Une plongée dans la céramique intuitive avec l’artiste Julien Brault

L'artiste aime utiliser des archétypes animaux, mais il avoue être davantage guidé par des pulsions intérieures. Photo : Morgane GAUVIN

La Société d’histoire de la Baie-James accueille jusqu’au 5 décembre, Mystère au sol, la nouvelle installation éphémère de l’artiste local Julien Brault. Une occasion rare de découvrir un créateur dont la démarche, profondément intuitive et spirituelle, s’enracine dans les forces enfouies de la matière et de l’inconscient. Accessible durant les heures d’ouverture de la SHBJ, l’exposition invite les visiteurs à un dialogue intérieur qui ne laissera personne indifférent.

Depuis l’enfance, Julien Brault explore les mystères du sol manipulant pierres, fossiles et matières trouvées comme d’autres jouent avec des crayons. Cette sensibilité précoce pour la transformation lui ouvre rapidement des voies multiples comme les travaux manuels, expérimentations, ébénisterie, puis une réorientation esthétique plus radicale à partir de 2017. Cette année-là, après une retraite de méditation et une rencontre marquante, il reprend un pastel en main, un geste simple qui rallume en lui une pulsion créative brute.

Avant la céramique, Brault crée durant sept ans des œuvres monumentales vouées aux flammes dans le cadre d’évènements inspirés du mouvement Burning Man à Chibougamau. Effigies géantes, structures de bois et de papier mâché, rituels collectifs : autant de créations éphémères qui lui apprennent la poésie du lâcher-prise et la force symbolique de la destruction. Mais en 2023, un point tournant s’impose. Il reçoit le prix Coup de cœur du jury au Symposium du Nord-du-Québec pour Vision nocturne. Dans le même élan, il ressent l’appel d’un médium plus durable. « Je voulais passer à autre chose, créer quelque chose qui n’allait pas être détruit. Je voulais passer à un médium qui pouvait être potentiellement éternel. »

C’est ainsi que la céramique s’impose. Un médium exigeant, cyclique, où chaque cuisson devient épreuve et renaissance. « Travailler l’argile, y’a vraiment quelque chose de méditatif là-dedans et c’est tactile.

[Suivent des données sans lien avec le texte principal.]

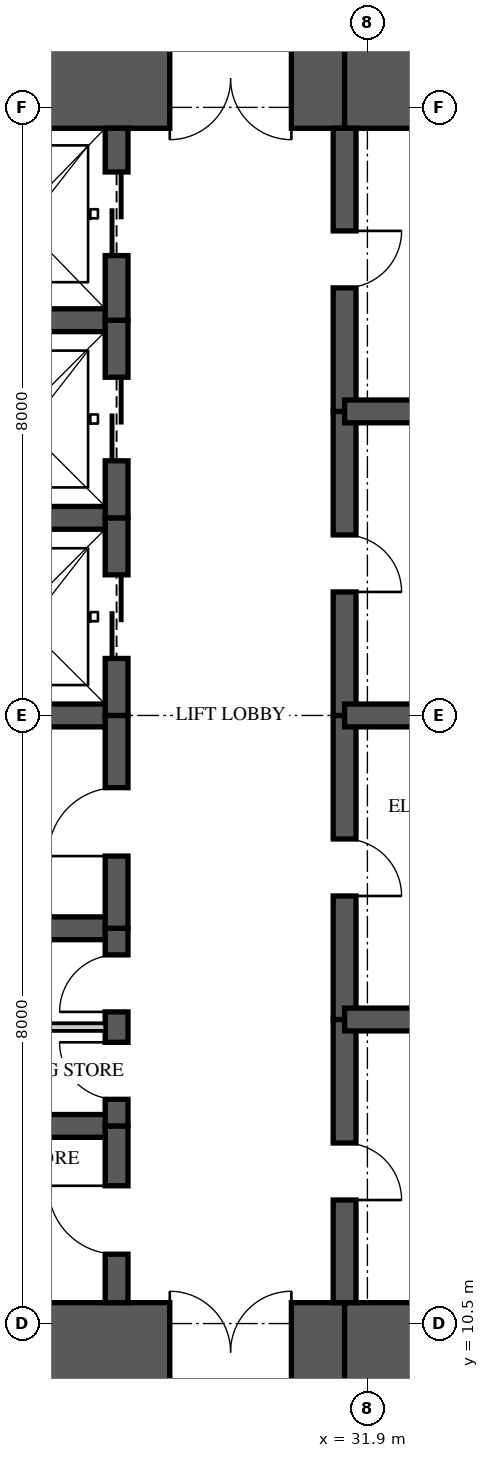
"""IFC4 building model, lengths in metres.
Left out: names, types, materials, properties, quantities, classifications, styles, units other than length and angle.
Written with IfcOpenShell. Run it as: python <this file> out.ifc"""

import sys

from ifc_helpers import new_model, si_unit, direction, frame, frame_2d, origin, place, context, subcontext, project, spatial, rectangle, extrude, element, fill, save


model = new_model("IFC4")
c1 = context("Model", 3, precision=1e-05, world=origin(), true_north=direction((0.0, 1.0)))
c2 = subcontext(c1, "Body", "Model", "MODEL_VIEW")
j1 = project(units=[si_unit("LENGTHUNIT", "METRE"), si_unit("PLANEANGLEUNIT", "RADIAN")], contexts=[c1])
p1 = place(None, origin())
s1 = spatial("IfcSite", under=j1, at=p1, CompositionType="ELEMENT")
p2 = place(p1, origin())
s2 = spatial("IfcBuilding", under=s1, at=p2, CompositionType="ELEMENT")
p3 = place(p2, frame((0.0, 0.0, 201.25)))
s3 = spatial("IfcBuildingStorey", under=s2, at=p3, CompositionType="ELEMENT", Elevation=201.25)
p4 = place(p3, frame((26.0, 10.125, 0.0), z_axis=(0.0, 0.0, 1.0), x_axis=(1.0, 0.0, 0.0)))
e1 = element("IfcWall", 1, at=p4, inside=s3, PredefinedType="SHEAR", context=c2, shape_type="SweptSolid", body=[
    extrude(rectangle(XDim=5.6, YDim=1.3, at=frame_2d((2.8, 0.0))), origin(), (0.0, 0.0, 1.0), 3.35),
])
p5 = place(p4, frame((3.3, 0.0, 0.0)))
e2 = element("IfcOpeningElement", 2, at=p5, cuts=e1, PredefinedType="OPENING", context=c2, shape_type="SweptSolid", body=[
    extrude(rectangle(XDim=1.6, YDim=2.1, at=frame_2d((0.8, 1.05))), frame((0.0, 0.66, 0.0), z_axis=(0.0, -1.0, 0.0), x_axis=(1.0, 0.0, 0.0)), (0.0, 0.0, 1.0), 1.32),
])
for number, where, z_axis, x_axis in (
    (3, (31.6, 10.125, 0.0), (0.0, 0.0, 1.0), (1.0, 0.0, 0.0)),
    (4, (35.9, 26.875, 0.0), (0.0, 0.0, 1.0), (-1.0, 0.0, 0.0)),
):
    element("IfcWall", number, at=place(p3, frame(where, z_axis=z_axis, x_axis=x_axis)), inside=s3, PredefinedType="SHEAR", context=c2, shape_type="SweptSolid", body=[
        extrude(rectangle(XDim=4.3, YDim=1.3, at=frame_2d((2.15, 0.0))), origin(), (0.0, 0.0, 1.0), 3.35),
    ])
p6 = place(p3, frame((31.6, 26.875, 0.0), z_axis=(0.0, 0.0, 1.0), x_axis=(-1.0, 0.0, 0.0)))
e5 = element("IfcWall", 5, at=p6, inside=s3, PredefinedType="SHEAR", context=c2, shape_type="SweptSolid", body=[
    extrude(rectangle(XDim=5.6, YDim=1.3, at=frame_2d((2.8, 0.0))), origin(), (0.0, 0.0, 1.0), 3.35),
])
p7 = place(p6, frame((0.7, 0.0, 0.0)))
e6 = element("IfcOpeningElement", 6, at=p7, cuts=e5, PredefinedType="OPENING", context=c2, shape_type="SweptSolid", body=[
    extrude(rectangle(XDim=1.6, YDim=2.1, at=frame_2d((0.8, 1.05))), frame((0.0, 0.66, 0.0), z_axis=(0.0, -1.0, 0.0), x_axis=(1.0, 0.0, 0.0)), (0.0, 0.0, 1.0), 1.32),
])
p8 = place(p3, frame((28.6, 10.775, 0.0), z_axis=(0.0, 0.0, 1.0), x_axis=(0.0, 1.0, 0.0)))
e7 = element("IfcWall", 7, at=p8, inside=s3, PredefinedType="SHEAR", context=c2, shape_type="SweptSolid", body=[
    extrude(rectangle(XDim=2.325, YDim=0.3, at=frame_2d((1.163, 0.0))), origin(), (0.0, 0.0, 1.0), 3.35),
])
p9 = place(p8, frame((0.637, 0.0, 0.0)))
e8 = element("IfcOpeningElement", 8, at=p9, cuts=e7, PredefinedType="OPENING", context=c2, shape_type="SweptSolid", body=[
    extrude(rectangle(XDim=0.9, YDim=2.1, at=frame_2d((0.45, 1.05))), frame((0.0, 0.16, 0.0), z_axis=(0.0, -1.0, 0.0), x_axis=(1.0, 0.0, 0.0)), (0.0, 0.0, 1.0), 0.32),
])
p10 = place(p3, frame((28.6, 13.1, 0.0), z_axis=(0.0, 0.0, 1.0), x_axis=(0.0, 1.0, 0.0)))
e9 = element("IfcWall", 9, at=p10, inside=s3, PredefinedType="SHEAR", context=c2, shape_type="SweptSolid", body=[
    extrude(rectangle(XDim=2.6, YDim=0.3, at=frame_2d((1.3, 0.0))), origin(), (0.0, 0.0, 1.0), 3.35),
])
p11 = place(p10, frame((0.35, 0.0, 0.0)))
e10 = element("IfcOpeningElement", 10, at=p11, cuts=e9, PredefinedType="OPENING", context=c2, shape_type="SweptSolid", body=[
    extrude(rectangle(XDim=0.75, YDim=2.1, at=frame_2d((0.375, 1.05))), frame((0.0, 0.16, 0.0), z_axis=(0.0, -1.0, 0.0), x_axis=(1.0, 0.0, 0.0)), (0.0, 0.0, 1.0), 0.32),
])
p12 = place(p10, frame((1.5, 0.0, 0.0)))
e11 = element("IfcOpeningElement", 11, at=p12, cuts=e9, PredefinedType="OPENING", context=c2, shape_type="SweptSolid", body=[
    extrude(rectangle(XDim=0.75, YDim=2.1, at=frame_2d((0.375, 1.05))), frame((0.0, 0.16, 0.0), z_axis=(0.0, -1.0, 0.0), x_axis=(1.0, 0.0, 0.0)), (0.0, 0.0, 1.0), 0.32),
])
p13 = place(p3, frame((28.6, 15.7, 0.0), z_axis=(0.0, 0.0, 1.0), x_axis=(0.0, 1.0, 0.0)))
e12 = element("IfcWall", 12, at=p13, inside=s3, PredefinedType="SHEAR", context=c2, shape_type="SweptSolid", body=[
    extrude(rectangle(XDim=2.8, YDim=0.3, at=frame_2d((1.4, 0.0))), origin(), (0.0, 0.0, 1.0), 3.35),
])
p14 = place(p13, frame((0.95, 0.0, 0.0)))
e13 = element("IfcOpeningElement", 13, at=p14, cuts=e12, PredefinedType="OPENING", context=c2, shape_type="SweptSolid", body=[
    extrude(rectangle(XDim=0.9, YDim=2.1, at=frame_2d((0.45, 1.05))), frame((0.0, 0.16, 0.0), z_axis=(0.0, -1.0, 0.0), x_axis=(1.0, 0.0, 0.0)), (0.0, 0.0, 1.0), 0.32),
])
p15 = place(p3, frame((28.6, 18.5, 0.0), z_axis=(0.0, 0.0, 1.0), x_axis=(0.0, 1.0, 0.0)))
e14 = element("IfcWall", 14, at=p15, inside=s3, PredefinedType="SHEAR", context=c2, shape_type="SweptSolid", body=[
    extrude(rectangle(XDim=2.6, YDim=0.3, at=frame_2d((1.3, 0.0))), origin(), (0.0, 0.0, 1.0), 3.35),
])
p16 = place(p15, frame((0.75, 0.0, 0.0)))
e15 = element("IfcOpeningElement", 15, at=p16, cuts=e14, PredefinedType="OPENING", context=c2, shape_type="SweptSolid", body=[
    extrude(rectangle(XDim=1.1, YDim=2.1, at=frame_2d((0.55, 1.05))), frame((0.0, 0.16, 0.0), z_axis=(0.0, -1.0, 0.0), x_axis=(1.0, 0.0, 0.0)), (0.0, 0.0, 1.0), 0.32),
])
p17 = place(p3, frame((28.6, 21.1, 0.0), z_axis=(0.0, 0.0, 1.0), x_axis=(0.0, 1.0, 0.0)))
e16 = element("IfcWall", 16, at=p17, inside=s3, PredefinedType="SHEAR", context=c2, shape_type="SweptSolid", body=[
    extrude(rectangle(XDim=2.6, YDim=0.3, at=frame_2d((1.3, 0.0))), origin(), (0.0, 0.0, 1.0), 3.35),
])
p18 = place(p17, frame((0.75, 0.0, 0.0)))
e17 = element("IfcOpeningElement", 17, at=p18, cuts=e16, PredefinedType="OPENING", context=c2, shape_type="SweptSolid", body=[
    extrude(rectangle(XDim=1.1, YDim=2.1, at=frame_2d((0.55, 1.05))), frame((0.0, 0.16, 0.0), z_axis=(0.0, -1.0, 0.0), x_axis=(1.0, 0.0, 0.0)), (0.0, 0.0, 1.0), 0.32),
])
p19 = place(p3, frame((28.6, 23.7, 0.0), z_axis=(0.0, 0.0, 1.0), x_axis=(0.0, 1.0, 0.0)))
e18 = element("IfcWall", 18, at=p19, inside=s3, PredefinedType="SHEAR", context=c2, shape_type="SweptSolid", body=[
    extrude(rectangle(XDim=2.525, YDim=0.3, at=frame_2d((1.263, 0.0))), origin(), (0.0, 0.0, 1.0), 3.35),
])
p20 = place(p19, frame((0.85, 0.0, 0.0)))
e19 = element("IfcOpeningElement", 19, at=p20, cuts=e18, PredefinedType="OPENING", context=c2, shape_type="SweptSolid", body=[
    extrude(rectangle(XDim=1.1, YDim=2.1, at=frame_2d((0.55, 1.05))), frame((0.0, 0.16, 0.0), z_axis=(0.0, -1.0, 0.0), x_axis=(1.0, 0.0, 0.0)), (0.0, 0.0, 1.0), 0.32),
])
p21 = place(p3, frame((31.6, 10.775, 0.0), z_axis=(0.0, 0.0, 1.0), x_axis=(0.0, 1.0, 0.0)))
e20 = element("IfcWall", 20, at=p21, inside=s3, PredefinedType="SHEAR", context=c2, shape_type="SweptSolid", body=[
    extrude(rectangle(XDim=3.725, YDim=0.3, at=frame_2d((1.863, 0.0))), origin(), (0.0, 0.0, 1.0), 3.35),
])
p22 = place(p21, frame((1.35, 0.0, 0.0)))
e21 = element("IfcOpeningElement", 21, at=p22, cuts=e20, PredefinedType="OPENING", context=c2, shape_type="SweptSolid", body=[
    extrude(rectangle(XDim=0.75, YDim=2.1, at=frame_2d((0.375, 1.05))), frame((0.0, 0.16, 0.0), z_axis=(0.0, -1.0, 0.0), x_axis=(1.0, 0.0, 0.0)), (0.0, 0.0, 1.0), 0.32),
])
p23 = place(p3, frame((31.6, 14.5, 0.0), z_axis=(0.0, 0.0, 1.0), x_axis=(0.0, 1.0, 0.0)))
e22 = element("IfcWall", 22, at=p23, inside=s3, PredefinedType="SHEAR", context=c2, shape_type="SweptSolid", body=[
    extrude(rectangle(XDim=4.0, YDim=0.3, at=frame_2d((2.0, 0.0))), origin(), (0.0, 0.0, 1.0), 3.35),
])
p24 = place(p23, frame((1.625, 0.0, 0.0)))
e23 = element("IfcOpeningElement", 23, at=p24, cuts=e22, PredefinedType="OPENING", context=c2, shape_type="SweptSolid", body=[
    extrude(rectangle(XDim=0.75, YDim=2.1, at=frame_2d((0.375, 1.05))), frame((0.0, 0.16, 0.0), z_axis=(0.0, -1.0, 0.0), x_axis=(1.0, 0.0, 0.0)), (0.0, 0.0, 1.0), 0.32),
])
p25 = place(p3, frame((31.6, 18.5, 0.0), z_axis=(0.0, 0.0, 1.0), x_axis=(0.0, 1.0, 0.0)))
e24 = element("IfcWall", 24, at=p25, inside=s3, PredefinedType="SHEAR", context=c2, shape_type="SweptSolid", body=[
    extrude(rectangle(XDim=4.0, YDim=0.3, at=frame_2d((2.0, 0.0))), origin(), (0.0, 0.0, 1.0), 3.35),
])
p26 = place(p25, frame((1.625, 0.0, 0.0)))
e25 = element("IfcOpeningElement", 25, at=p26, cuts=e24, PredefinedType="OPENING", context=c2, shape_type="SweptSolid", body=[
    extrude(rectangle(XDim=0.75, YDim=2.1, at=frame_2d((0.375, 1.05))), frame((0.0, 0.16, 0.0), z_axis=(0.0, -1.0, 0.0), x_axis=(1.0, 0.0, 0.0)), (0.0, 0.0, 1.0), 0.32),
])
p27 = place(p3, frame((31.6, 22.5, 0.0), z_axis=(0.0, 0.0, 1.0), x_axis=(0.0, 1.0, 0.0)))
e26 = element("IfcWall", 26, at=p27, inside=s3, PredefinedType="SHEAR", context=c2, shape_type="SweptSolid", body=[
    extrude(rectangle(XDim=3.725, YDim=0.3, at=frame_2d((1.863, 0.0))), origin(), (0.0, 0.0, 1.0), 3.35),
])
p28 = place(p27, frame((1.625, 0.0, 0.0)))
e27 = element("IfcOpeningElement", 27, at=p28, cuts=e26, PredefinedType="OPENING", context=c2, shape_type="SweptSolid", body=[
    extrude(rectangle(XDim=0.75, YDim=2.1, at=frame_2d((0.375, 1.05))), frame((0.0, 0.16, 0.0), z_axis=(0.0, -1.0, 0.0), x_axis=(1.0, 0.0, 0.0)), (0.0, 0.0, 1.0), 0.32),
])
for number, where, z_axis, x_axis in (
    (28, (26.0, 13.1, 0.0), (0.0, 0.0, 1.0), (1.0, 0.0, 0.0)),
    (29, (26.0, 15.7, 0.0), (0.0, 0.0, 1.0), (1.0, 0.0, 0.0)),
    (30, (26.0, 18.5, 0.0), (0.0, 0.0, 1.0), (1.0, 0.0, 0.0)),
    (31, (26.0, 21.1, 0.0), (0.0, 0.0, 1.0), (1.0, 0.0, 0.0)),
    (32, (26.0, 23.7, 0.0), (0.0, 0.0, 1.0), (1.0, 0.0, 0.0)),
):
    element("IfcWall", number, at=place(p3, frame(where, z_axis=z_axis, x_axis=x_axis)), inside=s3, PredefinedType="SHEAR", context=c2, shape_type="SweptSolid", body=[
        extrude(rectangle(XDim=2.6, YDim=0.3, at=frame_2d((1.3, 0.0))), origin(), (0.0, 0.0, 1.0), 3.35),
    ])
for number, where, z_axis, x_axis in (
    (33, (31.6, 14.5, 0.0), (0.0, 0.0, 1.0), (1.0, 0.0, 0.0)),
    (34, (31.6, 18.5, 0.0), (0.0, 0.0, 1.0), (1.0, 0.0, 0.0)),
    (35, (31.6, 22.5, 0.0), (0.0, 0.0, 1.0), (1.0, 0.0, 0.0)),
):
    element("IfcWall", number, at=place(p3, frame(where, z_axis=z_axis, x_axis=x_axis)), inside=s3, PredefinedType="SHEAR", context=c2, shape_type="SweptSolid", body=[
        extrude(rectangle(XDim=4.3, YDim=0.3, at=frame_2d((2.15, 0.0))), origin(), (0.0, 0.0, 1.0), 3.35),
    ])
p29 = place(p3, frame((26.15, 14.4, 0.0), z_axis=(0.0, 0.0, 1.0), x_axis=(1.0, 0.0, 0.0)))
e36 = element("IfcWall", 36, at=p29, inside=s3, PredefinedType="PARTITIONING", context=c2, shape_type="SweptSolid", body=[
    extrude(rectangle(XDim=2.3, YDim=0.1, at=frame_2d((1.15, 0.0))), origin(), (0.0, 0.0, 1.0), 3.11),
])
p30 = place(p16, origin())
e37 = element("IfcDoor", 37, at=p30, inside=s3, OperationType="SLIDING_TO_LEFT", PredefinedType="DOOR", context=c2, shape_type="SweptSolid", body=[
    extrude(rectangle(XDim=1.1, YDim=2.1, at=frame_2d((0.55, 1.05))), frame((0.0, 0.025, 0.0), z_axis=(0.0, -1.0, 0.0), x_axis=(1.0, 0.0, 0.0)), (0.0, 0.0, 1.0), 0.05),
])
fill(e15, e37)
p31 = place(p18, origin())
e38 = element("IfcDoor", 38, at=p31, inside=s3, OperationType="SLIDING_TO_LEFT", PredefinedType="DOOR", context=c2, shape_type="SweptSolid", body=[
    extrude(rectangle(XDim=1.1, YDim=2.1, at=frame_2d((0.55, 1.05))), frame((0.0, 0.025, 0.0), z_axis=(0.0, -1.0, 0.0), x_axis=(1.0, 0.0, 0.0)), (0.0, 0.0, 1.0), 0.05),
])
fill(e17, e38)
p32 = place(p20, origin())
e39 = element("IfcDoor", 39, at=p32, inside=s3, OperationType="SLIDING_TO_LEFT", PredefinedType="DOOR", context=c2, shape_type="SweptSolid", body=[
    extrude(rectangle(XDim=1.1, YDim=2.1, at=frame_2d((0.55, 1.05))), frame((0.0, 0.025, 0.0), z_axis=(0.0, -1.0, 0.0), x_axis=(1.0, 0.0, 0.0)), (0.0, 0.0, 1.0), 0.05),
])
fill(e19, e39)
p33 = place(p9, origin())
e40 = element("IfcDoor", 40, at=p33, inside=s3, OperationType="SINGLE_SWING_RIGHT", PredefinedType="DOOR", context=c2, shape_type="SweptSolid", body=[
    extrude(rectangle(XDim=0.9, YDim=2.1, at=frame_2d((0.45, 1.05))), frame((0.0, 0.025, 0.0), z_axis=(0.0, -1.0, 0.0), x_axis=(1.0, 0.0, 0.0)), (0.0, 0.0, 1.0), 0.05),
])
fill(e8, e40)
p34 = place(p11, origin())
e41 = element("IfcDoor", 41, at=p34, inside=s3, OperationType="SINGLE_SWING_RIGHT", PredefinedType="DOOR", context=c2, shape_type="SweptSolid", body=[
    extrude(rectangle(XDim=0.75, YDim=2.1, at=frame_2d((0.375, 1.05))), frame((0.0, 0.025, 0.0), z_axis=(0.0, -1.0, 0.0), x_axis=(1.0, 0.0, 0.0)), (0.0, 0.0, 1.0), 0.05),
])
fill(e10, e41)
p35 = place(p12, origin())
e42 = element("IfcDoor", 42, at=p35, inside=s3, OperationType="SINGLE_SWING_LEFT", PredefinedType="DOOR", context=c2, shape_type="SweptSolid", body=[
    extrude(rectangle(XDim=0.75, YDim=2.1, at=frame_2d((0.375, 1.05))), frame((0.0, 0.025, 0.0), z_axis=(0.0, -1.0, 0.0), x_axis=(1.0, 0.0, 0.0)), (0.0, 0.0, 1.0), 0.05),
])
fill(e11, e42)
p36 = place(p14, origin())
e43 = element("IfcDoor", 43, at=p36, inside=s3, OperationType="SINGLE_SWING_LEFT", PredefinedType="DOOR", context=c2, shape_type="SweptSolid", body=[
    extrude(rectangle(XDim=0.9, YDim=2.1, at=frame_2d((0.45, 1.05))), frame((0.0, 0.025, 0.0), z_axis=(0.0, -1.0, 0.0), x_axis=(1.0, 0.0, 0.0)), (0.0, 0.0, 1.0), 0.05),
])
fill(e13, e43)
p37 = place(p5, origin())
e44 = element("IfcDoor", 44, at=p37, inside=s3, OperationType="DOUBLE_DOOR_SINGLE_SWING", PredefinedType="DOOR", context=c2, shape_type="SweptSolid", body=[
    extrude(rectangle(XDim=1.6, YDim=2.1, at=frame_2d((0.8, 1.05))), frame((0.0, 0.025, 0.0), z_axis=(0.0, -1.0, 0.0), x_axis=(1.0, 0.0, 0.0)), (0.0, 0.0, 1.0), 0.05),
])
fill(e2, e44)
p38 = place(p7, origin())
e45 = element("IfcDoor", 45, at=p38, inside=s3, OperationType="DOUBLE_DOOR_SINGLE_SWING", PredefinedType="DOOR", context=c2, shape_type="SweptSolid", body=[
    extrude(rectangle(XDim=1.6, YDim=2.1, at=frame_2d((0.8, 1.05))), frame((0.0, 0.025, 0.0), z_axis=(0.0, -1.0, 0.0), x_axis=(1.0, 0.0, 0.0)), (0.0, 0.0, 1.0), 0.05),
])
fill(e6, e45)
p39 = place(p22, frame((0.75, 0.0, 0.0), z_axis=(0.0, 0.0, 1.0), x_axis=(-1.0, 0.0, 0.0)))
e46 = element("IfcDoor", 46, at=p39, inside=s3, OperationType="SINGLE_SWING_RIGHT", PredefinedType="DOOR", context=c2, shape_type="SweptSolid", body=[
    extrude(rectangle(XDim=0.75, YDim=2.1, at=frame_2d((0.375, 1.05))), frame((0.0, 0.025, 0.0), z_axis=(0.0, -1.0, 0.0), x_axis=(1.0, 0.0, 0.0)), (0.0, 0.0, 1.0), 0.05),
])
fill(e21, e46)
p40 = place(p24, frame((0.75, 0.0, 0.0), z_axis=(0.0, 0.0, 1.0), x_axis=(-1.0, 0.0, 0.0)))
e47 = element("IfcDoor", 47, at=p40, inside=s3, OperationType="SINGLE_SWING_RIGHT", PredefinedType="DOOR", context=c2, shape_type="SweptSolid", body=[
    extrude(rectangle(XDim=0.75, YDim=2.1, at=frame_2d((0.375, 1.05))), frame((0.0, 0.025, 0.0), z_axis=(0.0, -1.0, 0.0), x_axis=(1.0, 0.0, 0.0)), (0.0, 0.0, 1.0), 0.05),
])
fill(e23, e47)
p41 = place(p26, frame((0.75, 0.0, 0.0), z_axis=(0.0, 0.0, 1.0), x_axis=(-1.0, 0.0, 0.0)))
e48 = element("IfcDoor", 48, at=p41, inside=s3, OperationType="SINGLE_SWING_RIGHT", PredefinedType="DOOR", context=c2, shape_type="SweptSolid", body=[
    extrude(rectangle(XDim=0.75, YDim=2.1, at=frame_2d((0.375, 1.05))), frame((0.0, 0.025, 0.0), z_axis=(0.0, -1.0, 0.0), x_axis=(1.0, 0.0, 0.0)), (0.0, 0.0, 1.0), 0.05),
])
fill(e25, e48)
p42 = place(p28, frame((0.75, 0.0, 0.0), z_axis=(0.0, 0.0, 1.0), x_axis=(-1.0, 0.0, 0.0)))
e49 = element("IfcDoor", 49, at=p42, inside=s3, OperationType="SINGLE_SWING_LEFT", PredefinedType="DOOR", context=c2, shape_type="SweptSolid", body=[
    extrude(rectangle(XDim=0.75, YDim=2.1, at=frame_2d((0.375, 1.05))), frame((0.0, 0.025, 0.0), z_axis=(0.0, -1.0, 0.0), x_axis=(1.0, 0.0, 0.0)), (0.0, 0.0, 1.0), 0.05),
])
fill(e27, e49)
save(model, sys.argv[1])

Le niveau de difficulté pour faire les cuissons, les séchages jusqu’au résultat final, ça me garde stimulé », m’expliquait-il lors de notre rencontre.

Le masque, pièce centrale de son exposition, devient alors un seuil entre le visible et l’invisible, un objet psychique actif qui renvoie chacun à sa propre intériorité. Mystère au sol poursuit cette exploration, tout en renouant avec la matière première de ses débuts. « J’aime utiliser les archétypes animaux, mais je n’ai pas de ligne directrice. Ce sont des pulsions intérieures qui me guident. »

Cette exposition, modeste en durée, mais riche en symbolique, offre une expérience intime. On traverse un territoire où l’enfance, le rituel, la transformation et le rêve se rencontrent dans la texture même de l’argile. Julien Brault y propose un voyage sensoriel et introspectif, une invitation à contempler nos propres masques et à laisser émerger ce qui sommeille sous la surface.

Pour ceux qui aiment l’art qui interroge, qui déplace, qui touche à l’essentiel, Mystère au sol s’annonce comme un rendez-vous incontournable.